Bill would regulate credit bureaus in Quebec following high-profile data breaches

Quebec’s finance minister wants consumers to be able to freeze their credit files, a service currently unavailable to Canadians.  Minister Eric Girard announced his plan to regulate credit bureaus on Wednesday. It comes following a series of high-profile data breaches this summer.

In June, Desjardins Group revealed the personal data — including social insurance numbers (SINs) — of roughly 2.7 million people was shared with a third party by an employee. At the end of July, the credit card company Capital One said data belonging to 6 million Canadians, including 1 million SINs, was obtained by a hacker.  Recently Revenue Québec said the data of some 23,000 employees and contractors was transferred outside of the organization.

Girard says he wants Quebecers to have access to the best protection offered by the credit industry as the risk of identity theft grows with each data breach.  “It’s in [the credit industry’s] interest to offer the best services to Quebecers,” said Girard.

He said his bill, which he intends to table when the legislature resumes this fall, would set standards that credit bureaus, namely Equifax and Transunion, would have to comply with in order to operate in the province.

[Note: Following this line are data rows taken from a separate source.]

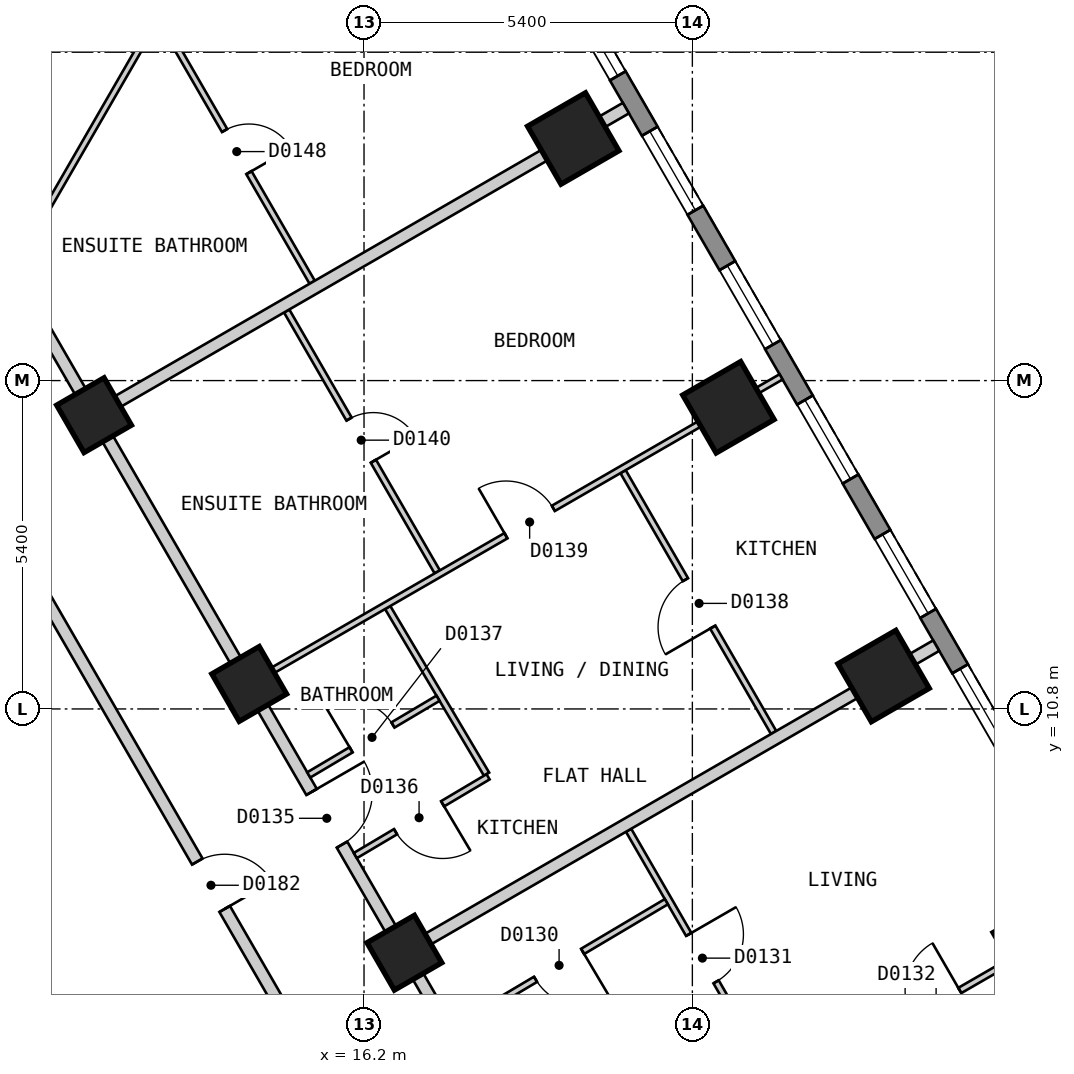
"""IFC4 building model, lengths in metres.
Left out: names, types, materials, properties, quantities, classifications, styles, units other than length and angle.
Written with IfcOpenShell. Run it as: python <this file> out.ifc"""

import sys

from ifc_helpers import new_model, si_unit, direction, frame, frame_2d, origin, origin_2d, place, context, subcontext, project, spatial, polyline, rectangle, outline, extrude, element, fill, save


model = new_model("IFC4")
c1 = context("Model", 3, precision=1e-05, world=origin(), true_north=direction((0.0, 1.0)))
c2 = subcontext(c1, "Body", "Model", "MODEL_VIEW")
j1 = project(units=[si_unit("LENGTHUNIT", "METRE"), si_unit("PLANEANGLEUNIT", "RADIAN")], contexts=[c1])
p1 = place(None, origin())
s1 = spatial("IfcSite", under=j1, at=p1, CompositionType="ELEMENT")
p2 = place(p1, origin())
s2 = spatial("IfcBuilding", under=s1, at=p2, CompositionType="ELEMENT")
p3 = place(p2, frame((0.0, 0.0, 29.4)))
s3 = spatial("IfcBuildingStorey", under=s2, at=p3, CompositionType="ELEMENT", Elevation=29.4)
for number, where, z_axis, x_axis in (
    (1, (27.297, 6.921, 0.0), (0.0, 0.0, 1.0), (-0.5, 0.866, 0.0)),
    (2, (24.745, 11.341, 0.0), (0.0, 0.0, 1.0), (-0.5, 0.866, 0.0)),
    (3, (22.193, 15.761, 0.0), (0.0, 0.0, 1.0), (-0.5, 0.866, 0.0)),
    (4, (19.641, 20.181, 0.0), (0.0, 0.0, 1.0), (-0.5, 0.866, 0.0)),
):
    element("IfcColumn", number, at=place(p3, frame(where, z_axis=z_axis, x_axis=x_axis)), inside=s3, PredefinedType="COLUMN", context=c2, shape_type="SweptSolid", body=[
        extrude(rectangle(XDim=1.1, YDim=1.1, at=origin_2d()), origin(), (0.0, 0.0, 1.0), 3.0),
    ])
for number, where, z_axis, x_axis in (
    (5, (16.864, 6.791, 0.0), (0.0, 0.0, 1.0), (-0.5, 0.866, 0.0)),
    (6, (14.312, 11.211, 0.0), (0.0, 0.0, 1.0), (-0.5, 0.866, 0.0)),
    (7, (11.76, 15.631, 0.0), (0.0, 0.0, 1.0), (-0.5, 0.866, 0.0)),
):
    element("IfcColumn", number, at=place(p3, frame(where, z_axis=z_axis, x_axis=x_axis)), inside=s3, PredefinedType="COLUMN", context=c2, shape_type="SweptSolid", body=[
        extrude(rectangle(XDim=0.9, YDim=0.9, at=origin_2d()), origin(), (0.0, 0.0, 1.0), 3.0),
    ])
p4 = place(p3, frame((31.22, 2.425, 0.0), z_axis=(0.0, 0.0, 1.0), x_axis=(-0.500001938803, 0.866024284413, 0.0)))
e8 = element("IfcWall", 8, at=p4, inside=s3, PredefinedType="SOLIDWALL", context=c2, shape_type="SweptSolid", body=[
    extrude(outline(polyline([(0.0, -0.15), (27.02, -0.15), (26.94, 0.15), (0.08, 0.15), (0.0, -0.15)])), origin(), (0.0, 0.0, 1.0), 2.7),
])
p5 = place(p4, frame((1.277, 0.0, 0.15)))
e9 = element("IfcOpeningElement", 9, at=p5, cuts=e8, PredefinedType="OPENING", context=c2, shape_type="SweptSolid", body=[
    extrude(rectangle(XDim=1.5, YDim=2.1, at=frame_2d((0.75, 1.05))), frame((0.0, 0.16, 0.0), z_axis=(0.0, -1.0, 0.0), x_axis=(1.0, 0.0, 0.0)), (0.0, 0.0, 1.0), 0.32),
])
p6 = place(p4, frame((3.829, 0.0, 0.15)))
e10 = element("IfcOpeningElement", 10, at=p6, cuts=e8, PredefinedType="OPENING", context=c2, shape_type="SweptSolid", body=[
    extrude(rectangle(XDim=1.5, YDim=2.1, at=frame_2d((0.75, 1.05))), frame((0.0, 0.16, 0.0), z_axis=(0.0, -1.0, 0.0), x_axis=(1.0, 0.0, 0.0)), (0.0, 0.0, 1.0), 0.32),
])
p7 = place(p4, frame((6.382, 0.0, 0.15)))
e11 = element("IfcOpeningElement", 11, at=p7, cuts=e8, PredefinedType="OPENING", context=c2, shape_type="SweptSolid", body=[
    extrude(rectangle(XDim=1.5, YDim=2.1, at=frame_2d((0.75, 1.05))), frame((0.0, 0.16, 0.0), z_axis=(0.0, -1.0, 0.0), x_axis=(1.0, 0.0, 0.0)), (0.0, 0.0, 1.0), 0.32),
])
p8 = place(p4, frame((8.933, 0.0, 0.15)))
e12 = element("IfcOpeningElement", 12, at=p8, cuts=e8, PredefinedType="OPENING", context=c2, shape_type="SweptSolid", body=[
    extrude(rectangle(XDim=1.5, YDim=2.1, at=frame_2d((0.75, 1.05))), frame((0.0, 0.16, 0.0), z_axis=(0.0, -1.0, 0.0), x_axis=(1.0, 0.0, 0.0)), (0.0, 0.0, 1.0), 0.32),
])
p9 = place(p4, frame((11.485, 0.0, 0.15)))
e13 = element("IfcOpeningElement", 13, at=p9, cuts=e8, PredefinedType="OPENING", context=c2, shape_type="SweptSolid", body=[
    extrude(rectangle(XDim=1.5, YDim=2.1, at=frame_2d((0.75, 1.05))), frame((0.0, 0.16, 0.0), z_axis=(0.0, -1.0, 0.0), x_axis=(1.0, 0.0, 0.0)), (0.0, 0.0, 1.0), 0.32),
])
p10 = place(p4, frame((14.037, 0.0, 0.15)))
e14 = element("IfcOpeningElement", 14, at=p10, cuts=e8, PredefinedType="OPENING", context=c2, shape_type="SweptSolid", body=[
    extrude(rectangle(XDim=1.5, YDim=2.1, at=frame_2d((0.75, 1.05))), frame((0.0, 0.16, 0.0), z_axis=(0.0, -1.0, 0.0), x_axis=(1.0, 0.0, 0.0)), (0.0, 0.0, 1.0), 0.32),
])
p11 = place(p4, frame((16.589, 0.0, 0.15)))
e15 = element("IfcOpeningElement", 15, at=p11, cuts=e8, PredefinedType="OPENING", context=c2, shape_type="SweptSolid", body=[
    extrude(rectangle(XDim=1.5, YDim=2.1, at=frame_2d((0.75, 1.05))), frame((0.0, 0.16, 0.0), z_axis=(0.0, -1.0, 0.0), x_axis=(1.0, 0.0, 0.0)), (0.0, 0.0, 1.0), 0.32),
])
p12 = place(p4, frame((19.141, 0.0, 0.15)))
e16 = element("IfcOpeningElement", 16, at=p12, cuts=e8, PredefinedType="OPENING", context=c2, shape_type="SweptSolid", body=[
    extrude(rectangle(XDim=1.5, YDim=2.1, at=frame_2d((0.75, 1.05))), frame((0.0, 0.16, 0.0), z_axis=(0.0, -1.0, 0.0), x_axis=(1.0, 0.0, 0.0)), (0.0, 0.0, 1.0), 0.32),
])
p13 = place(p4, frame((21.693, 0.0, 0.15)))
e17 = element("IfcOpeningElement", 17, at=p13, cuts=e8, PredefinedType="OPENING", context=c2, shape_type="SweptSolid", body=[
    extrude(rectangle(XDim=1.5, YDim=2.1, at=frame_2d((0.75, 1.05))), frame((0.0, 0.16, 0.0), z_axis=(0.0, -1.0, 0.0), x_axis=(1.0, 0.0, 0.0)), (0.0, 0.0, 1.0), 0.32),
])
p14 = place(p4, frame((24.244, 0.0, 0.15)))
e18 = element("IfcOpeningElement", 18, at=p14, cuts=e8, PredefinedType="OPENING", context=c2, shape_type="SweptSolid", body=[
    extrude(rectangle(XDim=1.5, YDim=2.1, at=frame_2d((0.75, 1.05))), frame((0.0, 0.16, 0.0), z_axis=(0.0, -1.0, 0.0), x_axis=(1.0, 0.0, 0.0)), (0.0, 0.0, 1.0), 0.32),
])
p15 = place(p3, frame((9.18, 15.7, 0.0), z_axis=(0.0, 0.0, 1.0), x_axis=(0.500003652032, -0.866023295272, 0.0)))
e19 = element("IfcWall", 19, at=p15, inside=s3, PredefinedType="PARTITIONING", context=c2, shape_type="SweptSolid", body=[
    extrude(rectangle(XDim=18.012, YDim=0.2, at=frame_2d((9.006, 0.0))), origin(), (0.0, 0.0, 1.0), 2.7),
])
p16 = place(p15, frame((8.556, 0.0, 0.0)))
e20 = element("IfcOpeningElement", 20, at=p16, cuts=e19, PredefinedType="OPENING", context=c2, shape_type="SweptSolid", body=[
    extrude(rectangle(XDim=0.9, YDim=2.1, at=frame_2d((0.45, 1.05))), frame((0.0, 0.11, 0.0), z_axis=(0.0, -1.0, 0.0), x_axis=(1.0, 0.0, 0.0)), (0.0, 0.0, 1.0), 0.22),
])
p17 = place(p3, frame((10.45, 17.9, 0.0), z_axis=(0.0, 0.0, 1.0), x_axis=(0.500034352617, -0.866005569383, 0.0)))
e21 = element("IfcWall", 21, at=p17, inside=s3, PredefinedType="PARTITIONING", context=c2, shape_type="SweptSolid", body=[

Girard said his bill will go further than legislation in place in other provinces by compelling the credit bureaus to allow consumers to freeze their credit file.  This would stop third parties from viewing their file. No new loans and credit cards could be created in their name.  While American customers are able to pay for this service, in Canada credit bureaus only offer credit monitoring.  A CBC Marketplace investigation found credit monitoring does little to protect consumers as consumers are often not immediately notified about suspicious activity.

Opposition wants steep fines for lax data security

Québec Solidaire finance critic Vincent Marissal thinks regulating credit bureaus is a step in the right direction.  But he says financial institutions, whether public or private, must also be held accountable if they have sub-standard data protection.  “There are people losing sleep, who are in depression because their identity has been stolen,” said Marissal, calling the Desjardins breach a “wake-up call.”  He wants these institutions to face “severe” fines that reflect the pain inflicted on their customers.

Girard defends Desjardins’s handling of breach:  Girard said he would be open to a legislative committee studying what happened in the Desjardins case. But he also told reporters that, with help from the Autorité des marchés financiers, Desjardins is “managing the situation properly.”

He highlighted that the credit union is offering identity protection services to all its banking customers, as well as paying for five years of credit monitoring through Equifax (itself the subject of a massive data breach in 2017).  He said the Desjardins data has not yet been found on the dark web, a part of the internet that is not indexed by search engines and serves as home to digital black markets for illegal and stolen goods and services.

Some Quebecers are also petitioning the federal government to have their SINs changed.